On November 30 2010, Mitsubishi Electric announced that it had agreed to purchase German power electronics group Vincotech. At first glance, the deal might look curious. Why is the Japanese semiconductor giant interested in a comparatively small manufacturer and distributor of power modules? The answer is perhaps the best one possible for such an acquisition: the two companies have highly complementary businesses.
“Mitsubishi Electric is currently working to strengthen its business in the European markets, particularly in the fields of low power industrial equipment and renewable energy such as photovoltaics,” a spokesperson for the company told Power Dev’. “Vincotech has strong capabilities in these fields, which we believe will greatly contribute to the implementation of our business strategy.”

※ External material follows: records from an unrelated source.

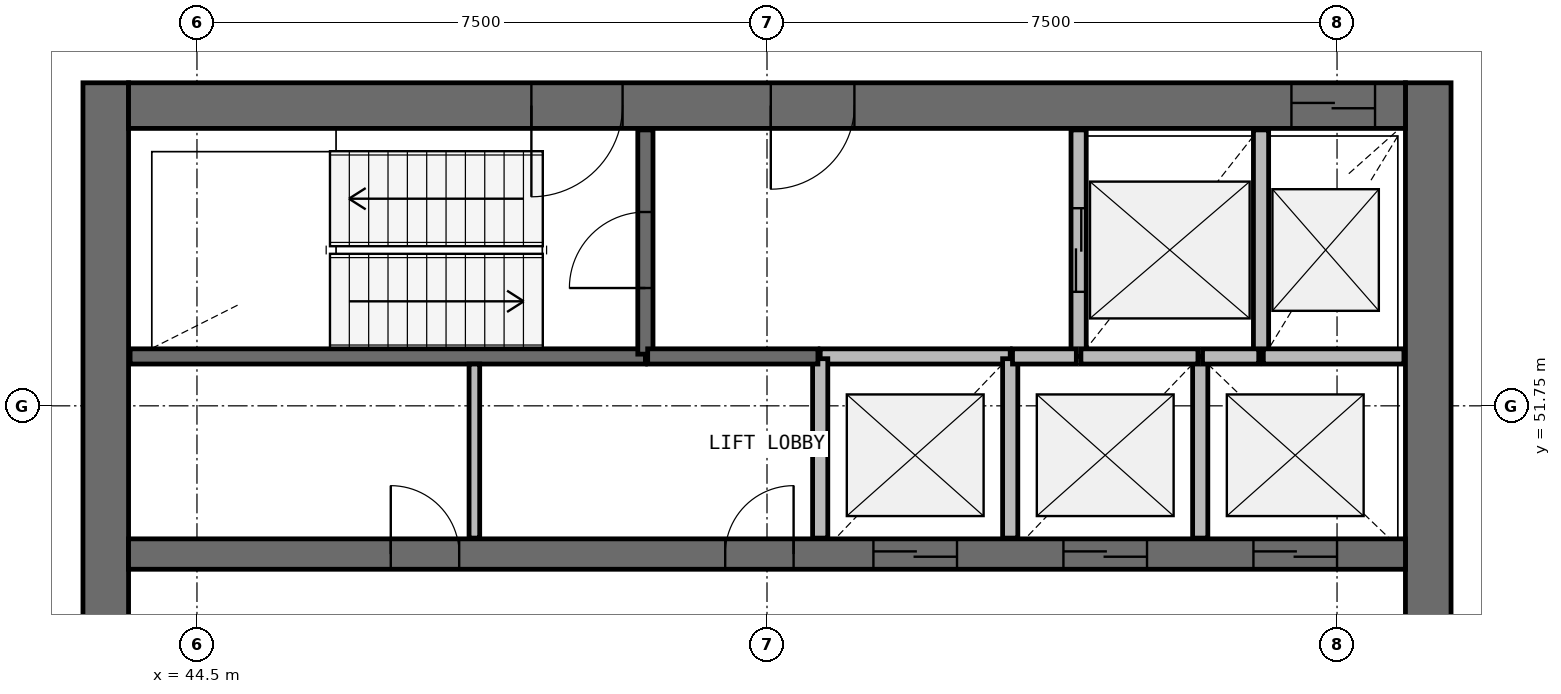
"""IFC4 building model, lengths in metres.
Left out: names, types, materials, properties, quantities, classifications, styles, units other than length and angle.
Written with IfcOpenShell. Run it as: python <this file> out.ifc"""

import sys

from ifc_helpers import new_model, si_unit, direction, frame, frame_2d, origin, place, context, subcontext, project, spatial, rectangle, extrude, source, transform, mapped, element, fill, save


model = new_model("IFC4")
c1 = context("Model", 3, precision=1e-05, world=origin(), true_north=direction((0.0, 1.0)))
c2 = subcontext(c1, "Body", "Model", "MODEL_VIEW")
j1 = project(units=[si_unit("LENGTHUNIT", "METRE"), si_unit("PLANEANGLEUNIT", "RADIAN")], contexts=[c1])
p1 = place(None, origin())
s1 = spatial("IfcSite", under=j1, at=p1, CompositionType="ELEMENT")
p2 = place(p1, origin())
s2 = spatial("IfcBuilding", under=s1, at=p2, CompositionType="ELEMENT")
p3 = place(p2, frame((0.0, 0.0, 226.7)))
s3 = spatial("IfcBuildingStorey", under=s2, at=p3, CompositionType="ELEMENT", Elevation=226.7)
p4 = place(p3, frame((60.7, 40.0, 0.0), z_axis=(0.0, 0.0, 1.0), x_axis=(0.0, 1.0, 0.0)))
e1 = element("IfcWall", 1, at=p4, inside=s3, PredefinedType="SHEAR", context=c2, shape_type="SweptSolid", body=[
    extrude(rectangle(XDim=16.0, YDim=0.6, at=frame_2d((8.0, 0.0))), origin(), (0.0, 0.0, 1.0), 3.9),
])
p5 = place(p4, frame((7.1, 0.0, 0.0)))
e2 = element("IfcOpeningElement", 2, at=p5, cuts=e1, PredefinedType="OPENING", context=c2, shape_type="SweptSolid", body=[
    extrude(rectangle(XDim=1.8, YDim=2.1, at=frame_2d((0.9, 1.05))), frame((0.0, 0.31, 0.0), z_axis=(0.0, -1.0, 0.0), x_axis=(1.0, 0.0, 0.0)), (0.0, 0.0, 1.0), 0.62),
])
p6 = place(p3, frame((43.3, 56.0, 0.0), z_axis=(0.0, 0.0, 1.0), x_axis=(0.0, -1.0, 0.0)))
e3 = element("IfcWall", 3, at=p6, inside=s3, PredefinedType="SHEAR", context=c2, shape_type="SweptSolid", body=[
    extrude(rectangle(XDim=16.0, YDim=0.6, at=frame_2d((8.0, 0.0))), origin(), (0.0, 0.0, 1.0), 3.9),
])
p7 = place(p6, frame((7.1, 0.0, 0.0)))
e4 = element("IfcOpeningElement", 4, at=p7, cuts=e3, PredefinedType="OPENING", context=c2, shape_type="SweptSolid", body=[
    extrude(rectangle(XDim=1.8, YDim=2.1, at=frame_2d((0.9, 1.05))), frame((0.0, 0.31, 0.0), z_axis=(0.0, -1.0, 0.0), x_axis=(1.0, 0.0, 0.0)), (0.0, 0.0, 1.0), 0.62),
])
p8 = place(p3, frame((60.4, 55.7, 0.0), z_axis=(0.0, 0.0, 1.0), x_axis=(-1.0, 0.0, 0.0)))
e5 = element("IfcWall", 5, at=p8, inside=s3, PredefinedType="SHEAR", context=c2, shape_type="SweptSolid", body=[
    extrude(rectangle(XDim=16.8, YDim=0.6, at=frame_2d((8.4, 0.0))), origin(), (0.0, 0.0, 1.0), 3.9),
])
p9 = place(p8, frame((0.4, 0.0, 0.0)))
e6 = element("IfcOpeningElement", 6, at=p9, cuts=e5, PredefinedType="OPENING", context=c2, shape_type="SweptSolid", body=[
    extrude(rectangle(XDim=1.1, YDim=2.1, at=frame_2d((0.55, 1.05))), frame((0.0, 0.31, 0.0), z_axis=(0.0, -1.0, 0.0), x_axis=(1.0, 0.0, 0.0)), (0.0, 0.0, 1.0), 0.62),
])
p10 = place(p8, frame((10.3, 0.0, 0.0)))
e7 = element("IfcOpeningElement", 7, at=p10, cuts=e5, PredefinedType="OPENING", context=c2, shape_type="SweptSolid", body=[
    extrude(rectangle(XDim=1.2, YDim=2.1, at=frame_2d((0.6, 1.05))), frame((0.0, 0.31, 0.0), z_axis=(0.0, -1.0, 0.0), x_axis=(1.0, 0.0, 0.0)), (0.0, 0.0, 1.0), 0.62),
])
p11 = place(p8, frame((7.25, 0.0, 0.0)))
e8 = element("IfcOpeningElement", 8, at=p11, cuts=e5, PredefinedType="OPENING", context=c2, shape_type="SweptSolid", body=[
    extrude(rectangle(XDim=1.1, YDim=2.1, at=frame_2d((0.55, 1.05))), frame((0.0, 0.31, 0.0), z_axis=(0.0, -1.0, 0.0), x_axis=(1.0, 0.0, 0.0)), (0.0, 0.0, 1.0), 0.62),
])
p12 = place(p3, frame((43.6, 49.8, 0.0), z_axis=(0.0, 0.0, 1.0), x_axis=(1.0, 0.0, 0.0)))
e9 = element("IfcWall", 9, at=p12, inside=s3, PredefinedType="SHEAR", context=c2, shape_type="SweptSolid", body=[
    extrude(rectangle(XDim=16.8, YDim=0.4, at=frame_2d((8.4, 0.0))), origin(), (0.0, 0.0, 1.0), 3.9),
])
p13 = place(p12, frame((9.8, 0.0, 0.0)))
e10 = element("IfcOpeningElement", 10, at=p13, cuts=e9, PredefinedType="OPENING", context=c2, shape_type="SweptSolid", body=[
    extrude(rectangle(XDim=1.1, YDim=2.1, at=frame_2d((0.55, 1.05))), frame((0.0, 0.21, 0.0), z_axis=(0.0, -1.0, 0.0), x_axis=(1.0, 0.0, 0.0)), (0.0, 0.0, 1.0), 0.42),
])
p14 = place(p12, frame((12.3, 0.0, 0.0)))
e11 = element("IfcOpeningElement", 11, at=p14, cuts=e9, PredefinedType="OPENING", context=c2, shape_type="SweptSolid", body=[
    extrude(rectangle(XDim=1.1, YDim=2.1, at=frame_2d((0.55, 1.05))), frame((0.0, 0.21, 0.0), z_axis=(0.0, -1.0, 0.0), x_axis=(1.0, 0.0, 0.0)), (0.0, 0.0, 1.0), 0.42),
])
p15 = place(p12, frame((14.8, 0.0, 0.0)))
e12 = element("IfcOpeningElement", 12, at=p15, cuts=e9, PredefinedType="OPENING", context=c2, shape_type="SweptSolid", body=[
    extrude(rectangle(XDim=1.1, YDim=2.1, at=frame_2d((0.55, 1.05))), frame((0.0, 0.21, 0.0), z_axis=(0.0, -1.0, 0.0), x_axis=(1.0, 0.0, 0.0)), (0.0, 0.0, 1.0), 0.42),
])
p16 = place(p12, frame((3.45, 0.0, 0.0)))
e13 = element("IfcOpeningElement", 13, at=p16, cuts=e9, PredefinedType="OPENING", context=c2, shape_type="SweptSolid", body=[
    extrude(rectangle(XDim=0.9, YDim=2.1, at=frame_2d((0.45, 1.05))), frame((0.0, 0.21, 0.0), z_axis=(0.0, -1.0, 0.0), x_axis=(1.0, 0.0, 0.0)), (0.0, 0.0, 1.0), 0.42),
])
p17 = place(p12, frame((7.85, 0.0, 0.0)))
e14 = element("IfcOpeningElement", 14, at=p17, cuts=e9, PredefinedType="OPENING", context=c2, shape_type="SweptSolid", body=[
    extrude(rectangle(XDim=0.9, YDim=2.1, at=frame_2d((0.45, 1.05))), frame((0.0, 0.21, 0.0), z_axis=(0.0, -1.0, 0.0), x_axis=(1.0, 0.0, 0.0)), (0.0, 0.0, 1.0), 0.42),
])
p18 = place(p3, frame((43.62, 52.4, 0.0), z_axis=(0.0, 0.0, 1.0), x_axis=(1.0, 0.0, 0.0)))
e15 = element("IfcWall", 15, at=p18, inside=s3, PredefinedType="SOLIDWALL", context=c2, shape_type="SweptSolid", body=[
    extrude(rectangle(XDim=6.78, YDim=0.2, at=frame_2d((3.39, 0.0))), origin(), (0.0, 0.0, 1.0), 3.4),
])
p19 = place(p3, frame((50.4, 52.43, 0.0), z_axis=(0.0, 0.0, 1.0), x_axis=(0.0, 1.0, 0.0)))
e16 = element("IfcWall", 16, at=p19, inside=s3, PredefinedType="SOLIDWALL", context=c2, shape_type="SweptSolid", body=[
    extrude(rectangle(XDim=2.95, YDim=0.2, at=frame_2d((1.475, 0.0))), origin(), (0.0, 0.0, 1.0), 3.4),
])
p20 = place(p19, frame((0.87, 0.0, 0.0)))
e17 = element("IfcOpeningElement", 17, at=p20, cuts=e16, PredefinedType="OPENING", context=c2, shape_type="SweptSolid", body=[
    extrude(rectangle(XDim=1.0, YDim=2.1, at=frame_2d((0.5, 1.05))), frame((0.0, 0.11, 0.0), z_axis=(0.0, -1.0, 0.0), x_axis=(1.0, 0.0, 0.0)), (0.0, 0.0, 1.0), 0.22),
])
p21 = place(p3, frame((56.1, 55.38, 0.0), z_axis=(0.0, 0.0, 1.0), x_axis=(0.0, -1.0, 0.0)))
e18 = element("IfcWall", 18, at=p21, inside=s3, PredefinedType="SOLIDWALL", context=c2, shape_type="SweptSolid", body=[
    extrude(rectangle(XDim=2.98, YDim=0.2, at=frame_2d((1.49, 0.0))), origin(), (0.0, 0.0, 1.0), 3.4),
])
p22 = place(p21, frame((1.03, 0.0, 0.0)))
e19 = element("IfcOpeningElement", 19, at=p22, cuts=e18, PredefinedType="OPENING", context=c2, shape_type="SweptSolid", body=[
    extrude(rectangle(XDim=1.1, YDim=2.1, at=frame_2d((0.55, 1.05))), frame((0.0, 0.11, 0.0), z_axis=(0.0, -1.0, 0.0), x_axis=(1.0, 0.0, 0.0)), (0.0, 0.0, 1.0), 0.22),
])
p23 = place(p3, frame((58.5, 52.4, 0.0), z_axis=(0.0, 0.0, 1.0), x_axis=(0.0, 1.0, 0.0)))
e20 = element("IfcWall", 20, at=p23, inside=s3, PredefinedType="SOLIDWALL", context=c2, shape_type="SweptSolid", body=[
    extrude(rectangle(XDim=2.98, YDim=0.2, at=frame_2d((1.49, 0.0))), origin(), (0.0, 0.0, 1.0), 3.4),
])
p24 = place(p3, frame((55.2, 52.4, 0.0), z_axis=(0.0, 0.0, 1.0), x_axis=(-1.0, 0.0, 0.0)))
e21 = element("IfcWall", 21, at=p24, inside=s3, PredefinedType="SOLIDWALL", context=c2, shape_type="SweptSolid", body=[
    extrude(rectangle(XDim=2.5, YDim=0.2, at=frame_2d((1.25, 0.0))), origin(), (0.0, 0.0, 1.0), 3.4),
])
for number, where, z_axis, x_axis in (
    (22, (52.7, 52.37, 0.0), (0.0, 0.0, 1.0), (0.0, -1.0, 0.0)),
    (23, (55.2, 50.01, 0.0), (0.0, 0.0, 1.0), (0.0, 1.0, 0.0)),
):
    element("IfcWall", number, at=place(p3, frame(where, z_axis=z_axis, x_axis=x_axis)), inside=s3, PredefinedType="SOLIDWALL", context=c2, shape_type="SweptSolid", body=[
        extrude(rectangle(XDim=2.36, YDim=0.2, at=frame_2d((1.18, 0.0))), origin(), (0.0, 0.0, 1.0), 3.4),
    ])
p25 = place(p3, frame((57.7, 50.01, 0.0), z_axis=(0.0, 0.0, 1.0), x_axis=(0.0, 1.0, 0.0)))
e24 = element("IfcWall", 24, at=p25, inside=s3, PredefinedType="SOLIDWALL", context=c2, shape_type="SweptSolid", body=[
    extrude(rectangle(XDim=2.39, YDim=0.2, at=frame_2d((1.195, 0.0))), origin(), (0.0, 0.0, 1.0), 3.4),
])
p26 = place(p3, frame((50.43, 52.4, 0.0), z_axis=(0.0, 0.0, 1.0), x_axis=(1.0, 0.0, 0.0)))
e25 = element("IfcWall", 25, at=p26, inside=s3, PredefinedType="SOLIDWALL", context=c2, shape_type="SweptSolid", body=[
    extrude(rectangle(XDim=2.24, YDim=0.2, at=frame_2d((1.12, 0.0))), origin(), (0.0, 0.0, 1.0), 3.4),
])
p27 = place(p3, frame((60.38, 52.4, 0.0), z_axis=(0.0, 0.0, 1.0), x_axis=(-1.0, 0.0, 0.0)))
e26 = element("IfcWall", 26, at=p27, inside=s3, PredefinedType="SOLIDWALL", context=c2, shape_type="SweptSolid", body=[
    extrude(rectangle(XDim=1.85, YDim=0.2, at=frame_2d((0.925, 0.0))), origin(), (0.0, 0.0, 1.0), 3.4),
])
p28 = place(p3, frame((57.67, 52.4, 0.0), z_axis=(0.0, 0.0, 1.0), x_axis=(-1.0, 0.0, 0.0)))
e27 = element("IfcWall", 27, at=p28, inside=s3, PredefinedType="SOLIDWALL", context=c2, shape_type="SweptSolid", body=[
    extrude(rectangle(XDim=1.54, YDim=0.2, at=frame_2d((0.77, 0.0))), origin(), (0.0, 0.0, 1.0), 3.4),
])
p29 = place(p3, frame((56.07, 52.4, 0.0), z_axis=(0.0, 0.0, 1.0), x_axis=(-1.0, 0.0, 0.0)))
e28 = element("IfcWall", 28, at=p29, inside=s3, PredefinedType="SOLIDWALL", context=c2, shape_type="SweptSolid", body=[
    extrude(rectangle(XDim=0.84, YDim=0.2, at=frame_2d((0.42, 0.0))), origin(), (0.0, 0.0, 1.0), 3.4),
])
p30 = place(p3, frame((58.47, 52.4, 0.0), z_axis=(0.0, 0.0, 1.0), x_axis=(-1.0, 0.0, 0.0)))
e29 = element("IfcWall", 29, at=p30, inside=s3, PredefinedType="SOLIDWALL", context=c2, shape_type="SweptSolid", body=[
    extrude(rectangle(XDim=0.74, YDim=0.2, at=frame_2d((0.37, 0.0))), origin(), (0.0, 0.0, 1.0), 3.4),
])
p31 = place(p3, frame((48.15, 50.01, 0.0), z_axis=(0.0, 0.0, 1.0), x_axis=(0.0, 1.0, 0.0)))
e30 = element("IfcWall", 30, at=p31, inside=s3, PredefinedType="PARTITIONING", context=c2, shape_type="SweptSolid", body=[
    extrude(rectangle(XDim=2.29, YDim=0.14, at=frame_2d((1.145, 0.0))), origin(), (0.0, 0.0, 1.0), 2.7),
])
m1 = source(origin(), c2, "Body", "SweptSolid", [
    extrude(rectangle(XDim=1.1, YDim=2.1, at=frame_2d((0.55, 1.05))), frame((0.0, 0.025, 0.0), z_axis=(0.0, -1.0, 0.0), x_axis=(1.0, 0.0, 0.0)), (0.0, 0.0, 1.0), 0.05),
])
p32 = place(p13, origin())
e31 = element("IfcDoor", 31, at=p32, inside=s3, OperationType="DOUBLE_DOOR_SLIDING", PredefinedType="USERDEFINED", context=c2, shape_type="MappedRepresentation", body=[
    mapped(m1, transform((0.0, 0.0, 0.0), scale=1.0)),
])
fill(e10, e31)
p33 = place(p14, origin())
e32 = element("IfcDoor", 32, at=p33, inside=s3, OperationType="DOUBLE_DOOR_SLIDING", PredefinedType="USERDEFINED", context=c2, shape_type="MappedRepresentation", body=[
    mapped(m1, transform((0.0, 0.0, 0.0), scale=1.0)),
])
fill(e11, e32)
p34 = place(p15, origin())
e33 = element("IfcDoor", 33, at=p34, inside=s3, OperationType="DOUBLE_DOOR_SLIDING", PredefinedType="USERDEFINED", context=c2, shape_type="MappedRepresentation", body=[
    mapped(m1, transform((0.0, 0.0, 0.0), scale=1.0)),
])
fill(e12, e33)
p35 = place(p22, origin())
e34 = element("IfcDoor", 34, at=p35, inside=s3, OperationType="DOUBLE_DOOR_SLIDING", PredefinedType="USERDEFINED", context=c2, shape_type="MappedRepresentation", body=[
    mapped(m1, transform((0.0, 0.0, 0.0), scale=1.0)),
])
fill(e19, e34)
p36 = place(p9, origin())
e35 = element("IfcDoor", 35, at=p36, inside=s3, OperationType="DOUBLE_DOOR_SLIDING", PredefinedType="USERDEFINED", context=c2, shape_type="MappedRepresentation", body=[
    mapped(m1, transform((0.0, 0.0, 0.0), scale=1.0)),
])
fill(e6, e35)
m2 = source(origin(), c2, "Body", "SweptSolid", [
    extrude(rectangle(XDim=1.2, YDim=2.1, at=frame_2d((0.6, 1.05))), frame((0.0, 0.025, 0.0), z_axis=(0.0, -1.0, 0.0), x_axis=(1.0, 0.0, 0.0)), (0.0, 0.0, 1.0), 0.05),
])
p37 = place(p10, origin())
e36 = element("IfcDoor", 36, at=p37, inside=s3, OperationType="SINGLE_SWING_RIGHT", PredefinedType="DOOR", context=c2, shape_type="MappedRepresentation", body=[
    mapped(m2, transform((0.0, 0.0, 0.0), scale=1.0)),
])
fill(e7, e36)
m3 = source(origin(), c2, "Body", "SweptSolid", [
    extrude(rectangle(XDim=1.0, YDim=2.1, at=frame_2d((0.5, 1.05))), frame((0.0, 0.025, 0.0), z_axis=(0.0, -1.0, 0.0), x_axis=(1.0, 0.0, 0.0)), (0.0, 0.0, 1.0), 0.05),
])
p38 = place(p20, origin())
e37 = element("IfcDoor", 37, at=p38, inside=s3, OperationType="SINGLE_SWING_LEFT", PredefinedType="DOOR", context=c2, shape_type="MappedRepresentation", body=[
    mapped(m3, transform((0.0, 0.0, 0.0), scale=1.0)),
])
fill(e17, e37)
m4 = source(origin(), c2, "Body", "SweptSolid", [
    extrude(rectangle(XDim=1.1, YDim=2.1, at=frame_2d((0.55, 1.05))), frame((0.0, 0.025, 0.0), z_axis=(0.0, -1.0, 0.0), x_axis=(1.0, 0.0, 0.0)), (0.0, 0.0, 1.0), 0.05),
])
p39 = place(p11, origin())
e38 = element("IfcDoor", 38, at=p39, inside=s3, OperationType="SINGLE_SWING_RIGHT", PredefinedType="DOOR", context=c2, shape_type="MappedRepresentation", body=[
    mapped(m4, transform((0.0, 0.0, 0.0), scale=1.0)),
])
fill(e8, e38)
m5 = source(origin(), c2, "Body", "SweptSolid", [
    extrude(rectangle(XDim=0.9, YDim=2.1, at=frame_2d((0.45, 1.05))), frame((0.0, 0.025, 0.0), z_axis=(0.0, -1.0, 0.0), x_axis=(1.0, 0.0, 0.0)), (0.0, 0.0, 1.0), 0.05),
])
p40 = place(p16, origin())
e39 = element("IfcDoor", 39, at=p40, inside=s3, OperationType="SINGLE_SWING_LEFT", PredefinedType="DOOR", context=c2, shape_type="MappedRepresentation", body=[
    mapped(m5, transform((0.0, 0.0, 0.0), scale=1.0)),
])
fill(e13, e39)
p41 = place(p17, origin())
e40 = element("IfcDoor", 40, at=p41, inside=s3, OperationType="SINGLE_SWING_RIGHT", PredefinedType="DOOR", context=c2, shape_type="MappedRepresentation", body=[
    mapped(m5, transform((0.0, 0.0, 0.0), scale=1.0)),
])
fill(e14, e40)
save(model, sys.argv[1])

For photovoltaics in particular, Europe has seen a boom in solar power installations that has swept across Germany and Spain, and which is now steadily spreading into Italy. Europe added around 15 GW of photovoltaic power generation capacity in 2010, out of a global annual total of 18 GW, according to Yole Développement. Germany alone installed more than 7 GW photovoltaic capacity in 2010, essentially matching the total installation figure for the entire world in 2009. So, for any power electronics company seeking to take advantage of rapid growth in the photovoltaics market, investing in a German base looks a very shrewd move.
Vincotech boasts at least nine different solar inverter formats, all of which exploit insulated-gate bipolar transistors (IGBT) that are a particularly strong focus of Mitsubishi Electric’s semiconductor technology. In fact, Mitsubishi Electric has been shipping its sixth generation IGBT chips since 2009 which, at the time, it claimed allowed it to produce IGBT modules with the lowest switching power loss in the industry.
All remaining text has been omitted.